Fairweather fans? Really? 

Saw my first Grand Tour live 30 years ago. Have raced my bike all over the world for decades. Many of those guys you read about in magazines are guys I have been friends with for years. I am not going anywhere, nor are any of the other long time fans who you bait and insult daily. 

You may have just started following the sport a few years ago but do not assume that everyone else did the same.


----------



## spade2you (May 12, 2009)

Doctor Falsetti said:


> Fairweather fans? Really?
> 
> Saw my first Grand Tour live 30 years ago. Have raced my bike all over the world for decades. Many of those guys you read about in magazines are guys I have been friends with for years. I am not going anywhere, nor are any of the other long time fans who you bait and insult daily.
> 
> You may have just started following the sport a few years ago but do not assume that everyone else did the same.


I do apologize for not having those cable channels during high school, no cable during college, and no free time while I was working on my doctorate. I am indeed a horrible person and fairweather fan.


----------



## Doctor Falsetti (Sep 24, 2010)

spade2you said:


> I do apologize for not having those cable channels during high school, no cable during college, and no free time while I was working on my doctorate. I am indeed a horrible person and fairweather fan.


Yet this lack of knowledge does not stop you from writing blanket insults of those who have been involved in the sport for years......


----------



## spade2you (May 12, 2009)

Doctor Falsetti said:


> Yet this lack of knowledge does not stop you from writing blanket insults of those who have been involved in the sport for years......


Lack of knowledge? You seem to forget that most races can be found online or in DVD form, which are the backbone of my base training. At ~12 hours a week, I see some old races. Just a few. 
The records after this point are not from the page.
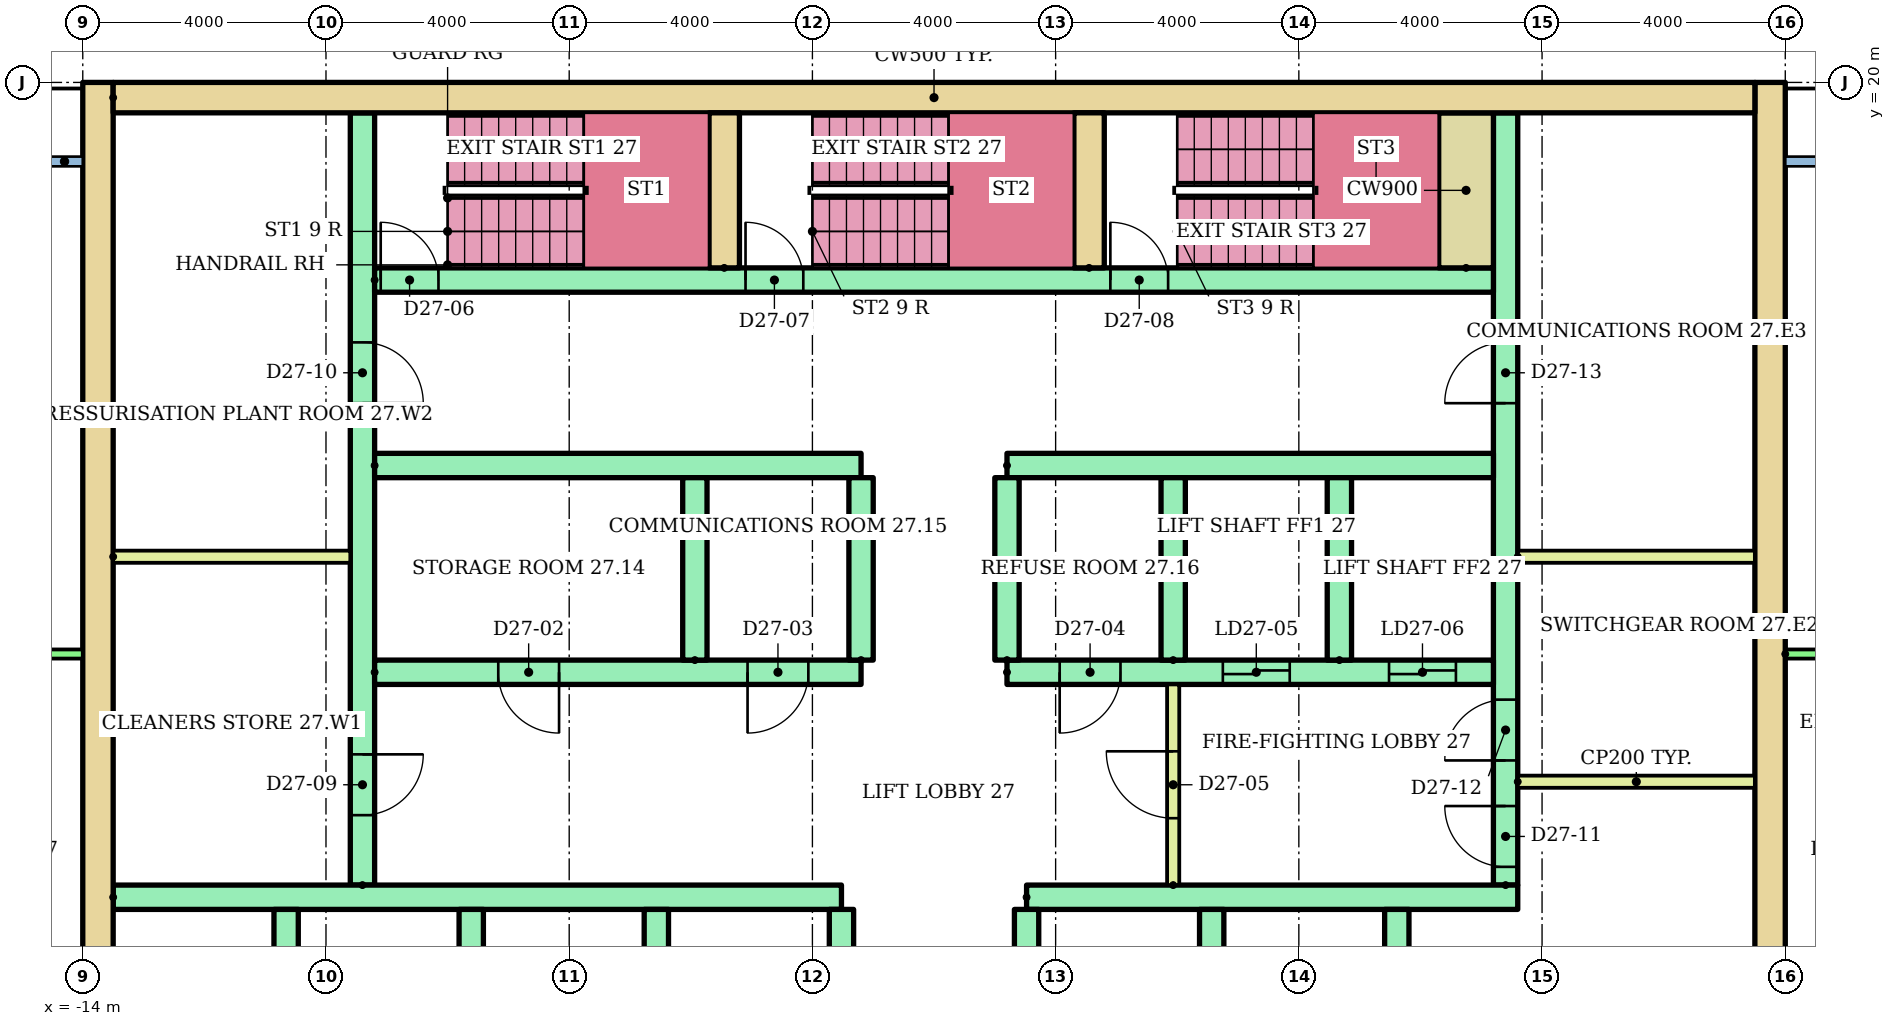
"""IFC4 building model, lengths in metres.
Left out: names, types, materials, properties, quantities, classifications, styles, units other than length and angle.
Written with IfcOpenShell. Run it as: python <this file> out.ifc"""

import sys

from ifc_helpers import new_model, si_unit, direction, frame, frame_2d, origin, place, context, subcontext, project, spatial, rectangle, extrude, element, fill, save


model = new_model("IFC4")
c1 = context("Model", 3, precision=1e-05, world=origin(), true_north=direction((0.0, 1.0)))
c2 = subcontext(c1, "Body", "Model", "MODEL_VIEW")
j1 = project(units=[si_unit("LENGTHUNIT", "METRE"), si_unit("PLANEANGLEUNIT", "RADIAN")], contexts=[c1])
p1 = place(None, origin())
s1 = spatial("IfcSite", under=j1, at=p1, CompositionType="ELEMENT")
p2 = place(p1, origin())
s2 = spatial("IfcBuilding", under=s1, at=p2, CompositionType="ELEMENT")
p3 = place(p2, frame((0.0, 0.0, 103.1)))
s3 = spatial("IfcBuildingStorey", under=s2, at=p3, CompositionType="ELEMENT", Elevation=103.1)
for number, where, z_axis, x_axis in (
    (1, (-13.75, 3.0, 0.0), (0.0, 0.0, 1.0), (0.0, 1.0, 0.0)),
    (2, (13.75, 3.0, 0.0), (0.0, 0.0, 1.0), (0.0, 1.0, 0.0)),
):
    element("IfcWall", number, at=place(p3, frame(where, z_axis=z_axis, x_axis=x_axis)), inside=s3, PredefinedType="SHEAR", context=c2, shape_type="SweptSolid", body=[
        extrude(rectangle(XDim=17.0, YDim=0.5, at=frame_2d((8.5, 0.0))), origin(), (0.0, 0.0, 1.0), 2.8),
    ])
p4 = place(p3, frame((-13.5, 19.75, 0.0)))
e3 = element("IfcWall", 3, at=p4, inside=s3, PredefinedType="SHEAR", context=c2, shape_type="SweptSolid", body=[
    extrude(rectangle(XDim=27.0, YDim=0.5, at=frame_2d((13.5, 0.0))), origin(), (0.0, 0.0, 1.0), 2.8),
])
p5 = place(p3, frame((-9.4, 6.8, 0.0), z_axis=(0.0, 0.0, 1.0), x_axis=(0.0, 1.0, 0.0)))
e4 = element("IfcWall", 4, at=p5, inside=s3, PredefinedType="SHEAR", context=c2, shape_type="SweptSolid", body=[
    extrude(rectangle(XDim=12.7, YDim=0.4, at=frame_2d((6.35, 0.0))), origin(), (0.0, 0.0, 1.0), 2.8),
])
p6 = place(p5, frame((1.15, 0.0, 0.0)))
e5 = element("IfcOpeningElement", 5, at=p6, cuts=e4, PredefinedType="OPENING", context=c2, shape_type="SweptSolid", body=[
    extrude(rectangle(XDim=1.0, YDim=2.1, at=frame_2d((0.5, 1.05))), frame((0.0, 0.21, 0.0), z_axis=(0.0, -1.0, 0.0), x_axis=(1.0, 0.0, 0.0)), (0.0, 0.0, 1.0), 0.42),
])
p7 = place(p5, frame((7.925, 0.0, 0.0)))
e6 = element("IfcOpeningElement", 6, at=p7, cuts=e4, PredefinedType="OPENING", context=c2, shape_type="SweptSolid", body=[
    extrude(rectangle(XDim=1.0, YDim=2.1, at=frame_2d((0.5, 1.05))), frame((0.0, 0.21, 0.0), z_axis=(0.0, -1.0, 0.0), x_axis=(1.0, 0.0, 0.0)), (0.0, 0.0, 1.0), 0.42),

I was a member when Sastre became a "has-been who was gifted the '08 TdF". Despite me not being here long enough or being able to follow cycling long enough for your satisfaction, fanboyism is nothing new. Same thing happens constantly with Cuddles. He's a hack. He's amazing. He's a hack again. Pointless.


----------



## Doctor Falsetti (Sep 24, 2010)

spade2you said:


> Lack of knowledge? You seem to forget that most races can be found online or in DVD form, which are the backbone of my base training. At ~12 hours a week, I see some old races. Just a few.
> 
> I was a member when Sastre became a "has-been who was gifted the '08 TdF". Despite me not being here long enough or being able to follow cycling long enough for your satisfaction, fanboyism is nothing new. Same thing happens constantly with Cuddles. He's a hack. He's amazing. He's a hack again. Pointless.


Perspective...... You confusing a handful of posts with the sentiment of thousands of members


----------



## spade2you (May 12, 2009)

Doctor Falsetti said:


> Perspective...... You confusing a handful of posts with the sentiment of thousands of members


The same members who dominate the early seasons pondering which team jerseys look good and which look ugly?


----------



## cantride55 (Sep 19, 2008)

He was just another pro rider until the dvd "overcoming" introduced me to Sastre, the individual. Over the years, Carlos seemed to move to the left anytime the spotlight came his way. It's sad to say that every rider during that period will have some doubt attached to their finishes, and no one will know for sure if he rode clean throughtout his career, but for me, he is one who deserves the benefit of doubt. I will always remember Sastre's ride on stage 17 of the 2009 Tour chasing the breakaway in the rain, solo. That sum's up his career, it seemed that mangement didn't support him (the breakaway) and the masses didn't acknowledge him (the peloton). So he did what he did best, ride alone, up hill, all the way.


----------



## Coolhand (Jul 28, 2002)

*Moderators Note*



rufus said:


> Someone's still butthurt about Lance, aren't they?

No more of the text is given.